Le problème, c'est que le cultibus ne trouve pas son public et le comptable est pessimiste. Il va falloir proposer des offres plus attractives s'ils ne veulent pas mettre la clé sous la porte. Décidés à ne pas trop s'éloigner du concept de base mais forcés par la conjoncture à mettre de l'eau dans leur vin, les deux amis trouvent une nouvelle idée : célébrer l'amitié franco-allemande lors d'un Ch'tis tour qui les mènera de la maison de Mauriac, en passant par le village martyr d'Oradour-sur-glane, pour finir en apothéose à Bergues, ville du Nord désormais célèbre grâce à Dany Boon. L'offre est à peine en ligne que déjà elle emporte l'adhésion de l'Amicale des retraités de Saint-Jean de Luz, une petite bande de douze retraités rodés aux voyages au long cours qui investissent le bus bien décidés à chambouler le programme trop élitiste des jeunes voyagistes.

Quand deux jeunes intellectuels, idéalistes, un brin rêveurs, et un peu déconnectés du monde réel se mêlent d'organiser un voyage en bus pour des retraités plus soucieux de voir les dégâts de la tempête Xinthia que de s'extasier sur un four à pain, même datant du début du XIXè siècle, le choc des cultures est plutôt frontal. La bande de l'Amicale des retraités de Saint-Jean de Luz en a vu d'autres! Les douze ont profité d'une retraite bien méritée pour parcourir le monde, se frotter aux voyagistes les plus expérimentés et ils ne vont certainement pas se laisser mener par deux freluquets tout juste sortis de l'université. Il va falloir composer avec les exigences de ces clients rompus aux voyages en groupe, les aléas de la route, les caprices de la mécanique, les fermetures intempestives des sites prévus au programme et même un barrage routier mis en place par des agriculteurs en colère.
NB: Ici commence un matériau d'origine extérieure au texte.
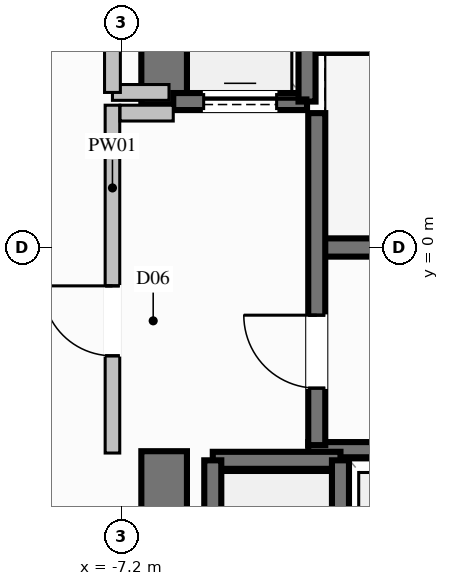
"""IFC4 building model, lengths in metres.
Left out: names, types, materials, properties, quantities, classifications, styles, units other than length and angle.
Written with IfcOpenShell. Run it as: python <this file> out.ifc"""

import sys

from ifc_helpers import new_model, si_unit, direction, frame, frame_2d, origin, place, context, subcontext, project, spatial, rectangle, extrude, element, fill, save


model = new_model("IFC4")
c1 = context("Model", 3, precision=1e-05, world=origin(), true_north=direction((0.0, 1.0)))
c2 = subcontext(c1, "Body", "Model", "MODEL_VIEW")
j1 = project(units=[si_unit("LENGTHUNIT", "METRE"), si_unit("PLANEANGLEUNIT", "RADIAN")], contexts=[c1])
p1 = place(None, origin())
s1 = spatial("IfcSite", under=j1, at=p1, CompositionType="ELEMENT")
p2 = place(p1, origin())
s2 = spatial("IfcBuilding", under=s1, at=p2, CompositionType="ELEMENT")
p3 = place(p2, frame((0.0, 0.0, 71.6)))
s3 = spatial("IfcBuildingStorey", under=s2, at=p3, CompositionType="ELEMENT", Elevation=71.6)
p4 = place(p3, frame((-3.99, 0.0, 0.0), z_axis=(0.0, 0.0, 1.0), x_axis=(1.0, 0.0, 0.0)))
e1 = element("IfcWall", 1, at=p4, inside=s3, PredefinedType="SHEAR", context=c2, shape_type="SweptSolid", body=[
    extrude(rectangle(XDim=7.98, YDim=0.3, at=frame_2d((3.99, 0.0))), origin(), (0.0, 0.0, 1.0), 3.6),
])
for number, where, z_axis, x_axis in (
    (2, (-4.13, -3.325, 0.0), (0.0, 0.0, 1.0), (1.0, 0.0, 0.0)),
    (3, (-4.13, 3.325, 0.0), (0.0, 0.0, 1.0), (1.0, 0.0, 0.0)),
):
    element("IfcWall", number, at=place(p3, frame(where, z_axis=z_axis, x_axis=x_axis)), inside=s3, PredefinedType="SOLIDWALL", context=c2, shape_type="SweptSolid", body=[
        extrude(rectangle(XDim=8.26, YDim=0.25, at=frame_2d((4.13, 0.0))), origin(), (0.0, 0.0, 1.0), 3.6),
    ])
p5 = place(p3, frame((-6.5, 2.35, 0.0), z_axis=(0.0, 0.0, 1.0), x_axis=(0.0, 1.0, 0.0)))
e4 = element("IfcWall", 4, at=p5, inside=s3, PredefinedType="SHEAR", context=c2, shape_type="SweptSolid", body=[
    extrude(rectangle(XDim=4.125, YDim=0.75, at=frame_2d((2.062, 0.0))), origin(), (0.0, 0.0, 1.0), 3.6),
])
p6 = place(p3, frame((-6.5, -6.475, 0.0), z_axis=(0.0, 0.0, 1.0), x_axis=(0.0, 1.0, 0.0)))
e5 = element("IfcWall", 5, at=p6, inside=s3, PredefinedType="SHEAR", context=c2, shape_type="SweptSolid", body=[
    extrude(rectangle(XDim=3.125, YDim=0.75, at=frame_2d((1.562, 0.0))), origin(), (0.0, 0.0, 1.0), 3.6),
])
p7 = place(p3, frame((-3.6, -3.5, 0.0), z_axis=(0.0, 0.0, 1.0), x_axis=(-1.0, 0.0, 0.0)))
e6 = element("IfcWall", 6, at=p7, inside=s3, PredefinedType="SOLIDWALL", context=c2, shape_type="SweptSolid", body=[
    extrude(rectangle(XDim=2.1, YDim=0.28, at=frame_2d((1.05, 0.0))), origin(), (0.0, 0.0, 1.0), 3.34),
])
for number, where, z_axis, x_axis in (
    (7, (-5.7, -3.5, 0.0), (0.0, 0.0, 1.0), (0.0, -1.0, 0.0)),
    (8, (-3.6, -6.0, 0.0), (0.0, 0.0, 1.0), (0.0, 1.0, 0.0)),
):
    element("IfcWall", number, at=place(p3, frame(where, z_axis=z_axis, x_axis=x_axis)), inside=s3, PredefinedType="SOLIDWALL", context=c2, shape_type="SweptSolid", body=[
        extrude(rectangle(XDim=2.5, YDim=0.28, at=frame_2d((1.25, 0.0))), origin(), (0.0, 0.0, 1.0), 3.34),
    ])
p8 = place(p3, frame((-6.35, 2.4, 0.0), z_axis=(0.0, 0.0, 1.0), x_axis=(1.0, 0.0, 0.0)))
e9 = element("IfcWall", 9, at=p8, inside=s3, PredefinedType="SOLIDWALL", context=c2, shape_type="SweptSolid", body=[
    extrude(rectangle(XDim=2.2, YDim=0.28, at=frame_2d((1.1, 0.0))), origin(), (0.0, 0.0, 1.0), 3.34),
])
p9 = place(p8, frame((0.5, 0.0, 0.0)))
e10 = element("IfcOpeningElement", 10, at=p9, cuts=e9, PredefinedType="OPENING", context=c2, shape_type="SweptSolid", body=[
    extrude(rectangle(XDim=1.2, YDim=2.2, at=frame_2d((0.6, 1.1))), frame((0.0, 0.15, 0.0), z_axis=(0.0, -1.0, 0.0), x_axis=(1.0, 0.0, 0.0)), (0.0, 0.0, 1.0), 0.3),
])
p10 = place(p3, frame((-4.15, 2.4, 0.0), z_axis=(0.0, 0.0, 1.0), x_axis=(0.0, 1.0, 0.0)))
e11 = element("IfcWall", 11, at=p10, inside=s3, PredefinedType="SOLIDWALL", context=c2, shape_type="SweptSolid", body=[
    extrude(rectangle(XDim=2.7, YDim=0.28, at=frame_2d((1.35, 0.0))), origin(), (0.0, 0.0, 1.0), 3.34),
])
p11 = place(p3, frame((-3.99, -3.25, 0.0), z_axis=(0.0, 0.0, 1.0), x_axis=(0.0, 1.0, 0.0)))
e12 = element("IfcWall", 12, at=p11, inside=s3, PredefinedType="SOLIDWALL", context=c2, shape_type="SweptSolid", body=[
    extrude(rectangle(XDim=5.46, YDim=0.28, at=frame_2d((2.73, 0.0))), origin(), (0.0, 0.0, 1.0), 3.34),
])
p12 = place(p11, frame((0.937, 0.0, 0.0)))
e13 = element("IfcOpeningElement", 13, at=p12, cuts=e12, PredefinedType="OPENING", context=c2, shape_type="SweptSolid", body=[
    extrude(rectangle(XDim=1.2, YDim=2.2, at=frame_2d((0.6, 1.1))), frame((0.0, 0.15, 0.0), z_axis=(0.0, -1.0, 0.0), x_axis=(1.0, 0.0, 0.0)), (0.0, 0.0, 1.0), 0.3),
])
p13 = place(p3, frame((-7.35, -3.38, 0.0), z_axis=(0.0, 0.0, 1.0), x_axis=(0.0, 1.0, 0.0)))
e14 = element("IfcWall", 14, at=p13, inside=s3, PredefinedType="PARTITIONING", context=c2, shape_type="SweptSolid", body=[
    extrude(rectangle(XDim=5.72, YDim=0.24, at=frame_2d((2.86, 0.0))), origin(), (0.0, 0.0, 1.0), 2.425),
])
p14 = place(p13, frame((1.599, 0.0, 0.0)))
e15 = element("IfcOpeningElement", 15, at=p14, cuts=e14, PredefinedType="OPENING", context=c2, shape_type="SweptSolid", body=[
    extrude(rectangle(XDim=1.15, YDim=2.2, at=frame_2d((0.575, 1.1))), frame((0.0, 0.13, 0.0), z_axis=(0.0, -1.0, 0.0), x_axis=(1.0, 0.0, 0.0)), (0.0, 0.0, 1.0), 0.26),
])
p15 = place(p3, frame((-7.225, 2.21, 0.0), z_axis=(0.0, 0.0, 1.0), x_axis=(1.0, 0.0, 0.0)))
e16 = element("IfcWall", 16, at=p15, inside=s3, PredefinedType="PARTITIONING", context=c2, shape_type="SweptSolid", body=[
    extrude(rectangle(XDim=0.875, YDim=0.26, at=frame_2d((0.438, 0.0))), origin(), (0.0, 0.0, 1.0), 3.34),
])
p16 = place(p3, frame((-7.35, 2.55, 0.0), z_axis=(0.0, 0.0, 1.0), x_axis=(1.0, 0.0, 0.0)))
e17 = element("IfcWall", 17, at=p16, inside=s3, PredefinedType="PARTITIONING", context=c2, shape_type="SweptSolid", body=[
    extrude(rectangle(XDim=0.93, YDim=0.26, at=frame_2d((0.465, 0.0))), origin(), (0.0, 0.0, 1.0), 3.34),
])
p17 = place(p3, frame((-7.35, 2.55, 0.0), z_axis=(0.0, 0.0, 1.0), x_axis=(0.0, 1.0, 0.0)))
e18 = element("IfcWall", 18, at=p17, inside=s3, PredefinedType="PARTITIONING", context=c2, shape_type="SweptSolid", body=[
    extrude(rectangle(XDim=2.4, YDim=0.26, at=frame_2d((1.2, 0.0))), origin(), (0.0, 0.0, 1.0), 2.425),
])
p18 = place(p17, frame((0.775, 0.0, 0.0)))
e19 = element("IfcOpeningElement", 19, at=p18, cuts=e18, PredefinedType="OPENING", context=c2, shape_type="SweptSolid", body=[
    extrude(rectangle(XDim=0.85, YDim=2.05, at=frame_2d((0.425, 1.025))), frame((0.0, 0.14, 0.0), z_axis=(0.0, -1.0, 0.0), x_axis=(1.0, 0.0, 0.0)), (0.0, 0.0, 1.0), 0.28),
])
p19 = place(p9, origin())
e20 = element("IfcDoor", 20, at=p19, inside=s3, OperationType="SLIDING_TO_LEFT", PredefinedType="DOOR", context=c2, shape_type="SweptSolid", body=[
    extrude(rectangle(XDim=1.2, YDim=2.2, at=frame_2d((0.6, 1.1))), frame((0.0, 0.025, 0.0), z_axis=(0.0, -1.0, 0.0), x_axis=(1.0, 0.0, 0.0)), (0.0, 0.0, 1.0), 0.05),
])
fill(e10, e20)
p20 = place(p12, origin())
e21 = element("IfcDoor", 21, at=p20, inside=s3, OperationType="SINGLE_SWING_RIGHT", PredefinedType="DOOR", context=c2, shape_type="SweptSolid", body=[
    extrude(rectangle(XDim=1.2, YDim=2.2, at=frame_2d((0.6, 1.1))), frame((0.0, 0.025, 0.0), z_axis=(0.0, -1.0, 0.0), x_axis=(1.0, 0.0, 0.0)), (0.0, 0.0, 1.0), 0.05),
])
fill(e13, e21)
p21 = place(p14, origin())
e22 = element("IfcDoor", 22, at=p21, inside=s3, OperationType="SINGLE_SWING_RIGHT", PredefinedType="DOOR", context=c2, shape_type="SweptSolid", body=[
    extrude(rectangle(XDim=1.15, YDim=2.2, at=frame_2d((0.575, 1.1))), frame((0.0, 0.025, 0.0), z_axis=(0.0, -1.0, 0.0), x_axis=(1.0, 0.0, 0.0)), (0.0, 0.0, 1.0), 0.05),
])
fill(e15, e22)
save(model, sys.argv[1])

Quand voyage rime avec fiasco, le lecteur jubile devant les travers des participants. Jean-Claude LALUMIERE n'épargne ni les gentils organisateurs obnubilés par la culture, ni les retraités préoccupés de remplir leurs estomacs à heure fixe. Chacun en prend pour son grade, mais sans méchanceté gratuite. de péripéties rocambolesques en moments plus graves, on passe un bon moment avec cette bande loufoque et réjouissante.
Une lecture qui donne le sourire.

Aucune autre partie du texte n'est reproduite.